The following sections are a guide on how to deploy a Kedro project to AWS Batch, and uses the spaceflights tutorial as primary example. The guide assumes that you have already completed the tutorial, and that the project was created with the project name Kedro Tutorial.
Prerequisites¶
To use AWS Batch, ensure you have the following prerequisites in place:
- An AWS account set up.
- A
nameattribute is set for each Kedro Node. Each node will run in its own Batch job, so having sensible node names will make it easier tokedro run --nodes=<node_name>. - All node input/output datasets must be configured in
catalog.ymland point to an external location (for example, AWS S3).

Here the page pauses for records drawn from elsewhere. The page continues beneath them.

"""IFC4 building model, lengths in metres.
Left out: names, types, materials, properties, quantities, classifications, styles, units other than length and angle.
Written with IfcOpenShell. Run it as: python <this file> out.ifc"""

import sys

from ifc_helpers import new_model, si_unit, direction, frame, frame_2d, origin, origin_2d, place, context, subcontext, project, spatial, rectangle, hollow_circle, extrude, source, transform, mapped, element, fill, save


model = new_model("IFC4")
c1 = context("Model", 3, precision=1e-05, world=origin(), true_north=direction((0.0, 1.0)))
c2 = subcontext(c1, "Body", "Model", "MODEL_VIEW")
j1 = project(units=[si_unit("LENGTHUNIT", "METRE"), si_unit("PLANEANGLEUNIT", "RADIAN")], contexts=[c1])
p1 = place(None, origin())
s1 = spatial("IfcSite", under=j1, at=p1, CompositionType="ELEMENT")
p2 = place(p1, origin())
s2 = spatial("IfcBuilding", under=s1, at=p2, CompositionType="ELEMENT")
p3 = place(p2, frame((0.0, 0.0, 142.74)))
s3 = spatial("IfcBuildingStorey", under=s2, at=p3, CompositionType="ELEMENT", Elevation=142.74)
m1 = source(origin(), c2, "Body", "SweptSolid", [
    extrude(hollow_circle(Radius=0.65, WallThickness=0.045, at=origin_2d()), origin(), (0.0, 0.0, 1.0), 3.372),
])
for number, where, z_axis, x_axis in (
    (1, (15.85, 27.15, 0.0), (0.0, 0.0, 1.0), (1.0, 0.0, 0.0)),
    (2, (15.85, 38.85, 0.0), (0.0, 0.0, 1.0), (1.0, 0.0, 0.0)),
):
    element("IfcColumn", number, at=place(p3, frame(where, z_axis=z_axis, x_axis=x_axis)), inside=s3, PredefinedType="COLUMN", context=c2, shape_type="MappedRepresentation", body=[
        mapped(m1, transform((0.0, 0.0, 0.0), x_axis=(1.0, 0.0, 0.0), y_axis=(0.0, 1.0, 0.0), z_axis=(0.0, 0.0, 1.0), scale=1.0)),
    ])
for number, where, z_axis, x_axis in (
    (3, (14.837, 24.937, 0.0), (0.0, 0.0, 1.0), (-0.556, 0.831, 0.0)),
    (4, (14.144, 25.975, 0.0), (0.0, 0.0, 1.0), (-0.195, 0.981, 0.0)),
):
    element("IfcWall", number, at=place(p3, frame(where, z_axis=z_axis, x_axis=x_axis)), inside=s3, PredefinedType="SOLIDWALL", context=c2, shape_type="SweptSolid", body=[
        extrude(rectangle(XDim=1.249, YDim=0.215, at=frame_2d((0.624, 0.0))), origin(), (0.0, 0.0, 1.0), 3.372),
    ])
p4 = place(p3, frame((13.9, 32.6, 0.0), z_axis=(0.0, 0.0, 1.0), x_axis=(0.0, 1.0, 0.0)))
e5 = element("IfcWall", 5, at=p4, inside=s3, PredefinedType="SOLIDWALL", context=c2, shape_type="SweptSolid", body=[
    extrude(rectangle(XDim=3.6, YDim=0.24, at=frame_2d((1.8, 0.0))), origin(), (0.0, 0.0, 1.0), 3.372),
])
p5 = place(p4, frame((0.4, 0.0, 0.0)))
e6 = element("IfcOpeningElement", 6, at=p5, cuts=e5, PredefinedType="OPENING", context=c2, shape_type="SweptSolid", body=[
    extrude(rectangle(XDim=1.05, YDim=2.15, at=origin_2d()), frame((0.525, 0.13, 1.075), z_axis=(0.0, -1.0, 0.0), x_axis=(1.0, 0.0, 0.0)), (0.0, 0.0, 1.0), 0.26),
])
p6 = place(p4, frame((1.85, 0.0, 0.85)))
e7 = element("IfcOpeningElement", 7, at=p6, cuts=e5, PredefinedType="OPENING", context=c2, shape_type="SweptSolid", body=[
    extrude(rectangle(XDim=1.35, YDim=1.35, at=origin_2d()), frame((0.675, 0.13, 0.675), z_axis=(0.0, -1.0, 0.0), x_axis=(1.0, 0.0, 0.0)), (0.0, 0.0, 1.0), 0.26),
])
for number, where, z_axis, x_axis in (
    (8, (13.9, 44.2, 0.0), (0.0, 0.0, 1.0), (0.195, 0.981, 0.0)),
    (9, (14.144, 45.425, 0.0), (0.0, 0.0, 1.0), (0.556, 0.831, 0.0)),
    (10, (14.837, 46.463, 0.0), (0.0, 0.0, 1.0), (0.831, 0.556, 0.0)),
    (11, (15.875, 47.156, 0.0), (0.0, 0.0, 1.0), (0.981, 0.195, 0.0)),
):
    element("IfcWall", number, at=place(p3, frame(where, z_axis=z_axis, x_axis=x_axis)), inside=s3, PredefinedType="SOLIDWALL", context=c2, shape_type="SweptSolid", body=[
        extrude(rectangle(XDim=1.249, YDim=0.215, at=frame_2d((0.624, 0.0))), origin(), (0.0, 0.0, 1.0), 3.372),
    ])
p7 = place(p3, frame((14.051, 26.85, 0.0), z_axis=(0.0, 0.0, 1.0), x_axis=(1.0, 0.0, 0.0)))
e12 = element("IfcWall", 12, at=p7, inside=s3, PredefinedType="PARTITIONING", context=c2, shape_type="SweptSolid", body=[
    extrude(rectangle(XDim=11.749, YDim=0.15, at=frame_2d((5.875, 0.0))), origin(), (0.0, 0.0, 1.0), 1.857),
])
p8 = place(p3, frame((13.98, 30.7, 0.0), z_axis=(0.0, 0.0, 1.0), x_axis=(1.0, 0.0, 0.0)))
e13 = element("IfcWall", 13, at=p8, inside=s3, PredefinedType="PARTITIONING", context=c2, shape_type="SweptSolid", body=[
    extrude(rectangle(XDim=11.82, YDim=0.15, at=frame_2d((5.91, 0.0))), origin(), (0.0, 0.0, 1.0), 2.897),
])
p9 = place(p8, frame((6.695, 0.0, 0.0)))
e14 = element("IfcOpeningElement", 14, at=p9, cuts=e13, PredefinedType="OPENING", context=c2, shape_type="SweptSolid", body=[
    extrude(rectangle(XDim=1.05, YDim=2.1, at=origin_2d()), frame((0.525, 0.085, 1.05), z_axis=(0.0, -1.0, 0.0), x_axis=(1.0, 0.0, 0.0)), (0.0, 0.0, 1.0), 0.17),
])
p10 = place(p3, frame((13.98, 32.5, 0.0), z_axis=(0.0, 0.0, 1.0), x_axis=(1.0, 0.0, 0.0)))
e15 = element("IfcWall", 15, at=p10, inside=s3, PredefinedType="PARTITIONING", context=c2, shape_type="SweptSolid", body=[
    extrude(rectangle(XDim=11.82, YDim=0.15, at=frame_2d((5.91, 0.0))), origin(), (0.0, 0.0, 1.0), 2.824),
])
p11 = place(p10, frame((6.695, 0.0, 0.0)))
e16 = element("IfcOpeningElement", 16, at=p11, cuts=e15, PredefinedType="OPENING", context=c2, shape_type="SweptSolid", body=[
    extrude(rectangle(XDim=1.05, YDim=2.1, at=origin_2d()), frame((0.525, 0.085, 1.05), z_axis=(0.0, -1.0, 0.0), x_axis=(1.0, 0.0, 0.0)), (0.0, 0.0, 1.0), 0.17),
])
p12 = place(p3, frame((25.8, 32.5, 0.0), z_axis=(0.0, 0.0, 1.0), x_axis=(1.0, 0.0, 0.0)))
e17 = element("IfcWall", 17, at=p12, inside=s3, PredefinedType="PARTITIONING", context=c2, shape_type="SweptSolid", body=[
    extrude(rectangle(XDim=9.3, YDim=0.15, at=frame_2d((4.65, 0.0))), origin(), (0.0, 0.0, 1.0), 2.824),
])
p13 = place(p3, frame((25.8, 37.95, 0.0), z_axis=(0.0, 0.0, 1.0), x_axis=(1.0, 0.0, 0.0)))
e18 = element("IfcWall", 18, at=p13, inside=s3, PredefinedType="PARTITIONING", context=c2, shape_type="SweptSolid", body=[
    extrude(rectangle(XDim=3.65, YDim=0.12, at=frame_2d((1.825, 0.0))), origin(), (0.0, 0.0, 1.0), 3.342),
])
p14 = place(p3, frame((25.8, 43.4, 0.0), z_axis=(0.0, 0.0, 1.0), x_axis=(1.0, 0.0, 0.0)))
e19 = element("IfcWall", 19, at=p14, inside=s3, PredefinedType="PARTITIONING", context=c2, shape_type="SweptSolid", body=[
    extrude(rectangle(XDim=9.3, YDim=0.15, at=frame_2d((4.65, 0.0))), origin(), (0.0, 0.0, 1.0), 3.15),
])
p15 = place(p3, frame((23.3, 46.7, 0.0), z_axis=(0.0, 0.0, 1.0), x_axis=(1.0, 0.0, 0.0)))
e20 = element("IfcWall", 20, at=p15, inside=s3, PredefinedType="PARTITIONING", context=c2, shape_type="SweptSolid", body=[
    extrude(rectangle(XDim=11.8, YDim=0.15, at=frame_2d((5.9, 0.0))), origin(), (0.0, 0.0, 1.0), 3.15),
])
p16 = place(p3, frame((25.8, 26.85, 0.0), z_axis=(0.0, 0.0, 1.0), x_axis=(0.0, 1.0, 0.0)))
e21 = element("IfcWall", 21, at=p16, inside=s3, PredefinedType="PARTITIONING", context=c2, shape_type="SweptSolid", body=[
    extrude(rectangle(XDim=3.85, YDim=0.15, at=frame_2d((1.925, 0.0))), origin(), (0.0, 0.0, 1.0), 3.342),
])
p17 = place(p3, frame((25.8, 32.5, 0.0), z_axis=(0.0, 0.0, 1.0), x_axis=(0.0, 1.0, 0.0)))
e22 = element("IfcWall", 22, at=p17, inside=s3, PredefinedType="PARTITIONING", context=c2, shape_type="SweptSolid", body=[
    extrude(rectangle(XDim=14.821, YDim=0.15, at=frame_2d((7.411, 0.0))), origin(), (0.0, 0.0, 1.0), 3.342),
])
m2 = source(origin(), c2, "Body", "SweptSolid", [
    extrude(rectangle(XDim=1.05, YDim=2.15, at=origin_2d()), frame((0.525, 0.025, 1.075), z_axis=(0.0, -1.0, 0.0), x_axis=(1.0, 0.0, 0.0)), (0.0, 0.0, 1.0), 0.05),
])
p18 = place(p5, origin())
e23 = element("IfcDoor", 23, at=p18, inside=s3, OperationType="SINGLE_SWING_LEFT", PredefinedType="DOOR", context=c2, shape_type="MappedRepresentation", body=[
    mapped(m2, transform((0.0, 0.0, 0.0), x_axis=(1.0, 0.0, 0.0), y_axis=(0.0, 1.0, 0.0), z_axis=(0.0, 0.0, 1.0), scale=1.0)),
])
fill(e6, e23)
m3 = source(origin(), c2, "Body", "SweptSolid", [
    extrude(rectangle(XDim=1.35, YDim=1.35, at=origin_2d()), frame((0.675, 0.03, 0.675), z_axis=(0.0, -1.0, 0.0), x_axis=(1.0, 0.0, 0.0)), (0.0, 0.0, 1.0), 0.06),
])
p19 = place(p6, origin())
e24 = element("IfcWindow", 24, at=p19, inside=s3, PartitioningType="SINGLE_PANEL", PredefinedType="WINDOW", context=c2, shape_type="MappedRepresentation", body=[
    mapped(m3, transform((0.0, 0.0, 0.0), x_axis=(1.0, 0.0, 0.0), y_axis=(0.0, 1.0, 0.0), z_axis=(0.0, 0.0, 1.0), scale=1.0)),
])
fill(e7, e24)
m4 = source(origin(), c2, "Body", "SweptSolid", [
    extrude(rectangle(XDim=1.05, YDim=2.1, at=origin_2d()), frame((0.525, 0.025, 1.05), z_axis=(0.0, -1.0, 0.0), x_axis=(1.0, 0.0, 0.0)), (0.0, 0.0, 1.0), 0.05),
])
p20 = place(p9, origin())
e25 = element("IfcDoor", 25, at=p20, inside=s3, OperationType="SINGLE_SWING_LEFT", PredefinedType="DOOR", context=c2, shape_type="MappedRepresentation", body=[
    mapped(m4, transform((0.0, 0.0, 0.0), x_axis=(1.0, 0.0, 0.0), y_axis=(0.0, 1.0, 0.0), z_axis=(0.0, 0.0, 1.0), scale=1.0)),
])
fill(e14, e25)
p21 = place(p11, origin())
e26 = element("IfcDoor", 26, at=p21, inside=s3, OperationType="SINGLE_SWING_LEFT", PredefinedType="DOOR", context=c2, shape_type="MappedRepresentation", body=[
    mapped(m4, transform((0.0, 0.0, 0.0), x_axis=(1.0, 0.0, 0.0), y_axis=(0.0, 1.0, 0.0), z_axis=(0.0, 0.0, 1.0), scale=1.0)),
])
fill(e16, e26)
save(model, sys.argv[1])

A clean way to do this is to create a new configuration environmentconf/aws_batchcontaining acatalog.ymlfile with the appropriate configuration, as illustrated below.
View code
companies:
type: pandas.CSVDataset
filepath: s3://<your-bucket>/companies.csv
reviews:
type: pandas.CSVDataset
filepath: s3://<your-bucket>/reviews.csv
shuttles:
type: pandas.ExcelDataset
filepath: s3://<your-bucket>/shuttles.xlsx
preprocessed_companies:
type: pandas.CSVDataset
filepath: s3://<your-bucket>/preprocessed_companies.csv
preprocessed_shuttles:
type: pandas.CSVDataset
filepath: s3://<your-bucket>/preprocessed_shuttles.csv
model_input_table:
type: pandas.CSVDataset
filepath: s3://<your-bucket>/model_input_table.csv
regressor:
type: pickle.PickleDataset
filepath: s3://<your-bucket>/regressor.pickle
versioned: true
X_train:
type: pickle.PickleDataset
filepath: s3://<your-bucket>/X_train.pickle
X_test:
type: pickle.PickleDataset
filepath: s3://<your-bucket>/X_test.pickle
y_train:
type: pickle.PickleDataset
filepath: s3://<your-bucket>/y_train.pickle
y_test:
type: pickle.PickleDataset
filepath: s3://<your-bucket>/y_test.pickle
Run a Kedro pipeline with AWS Batch¶
Containerise your Kedro project¶
Containerise your Kedro project with a preferred container solution (for example, Docker) to build an image for AWS Batch.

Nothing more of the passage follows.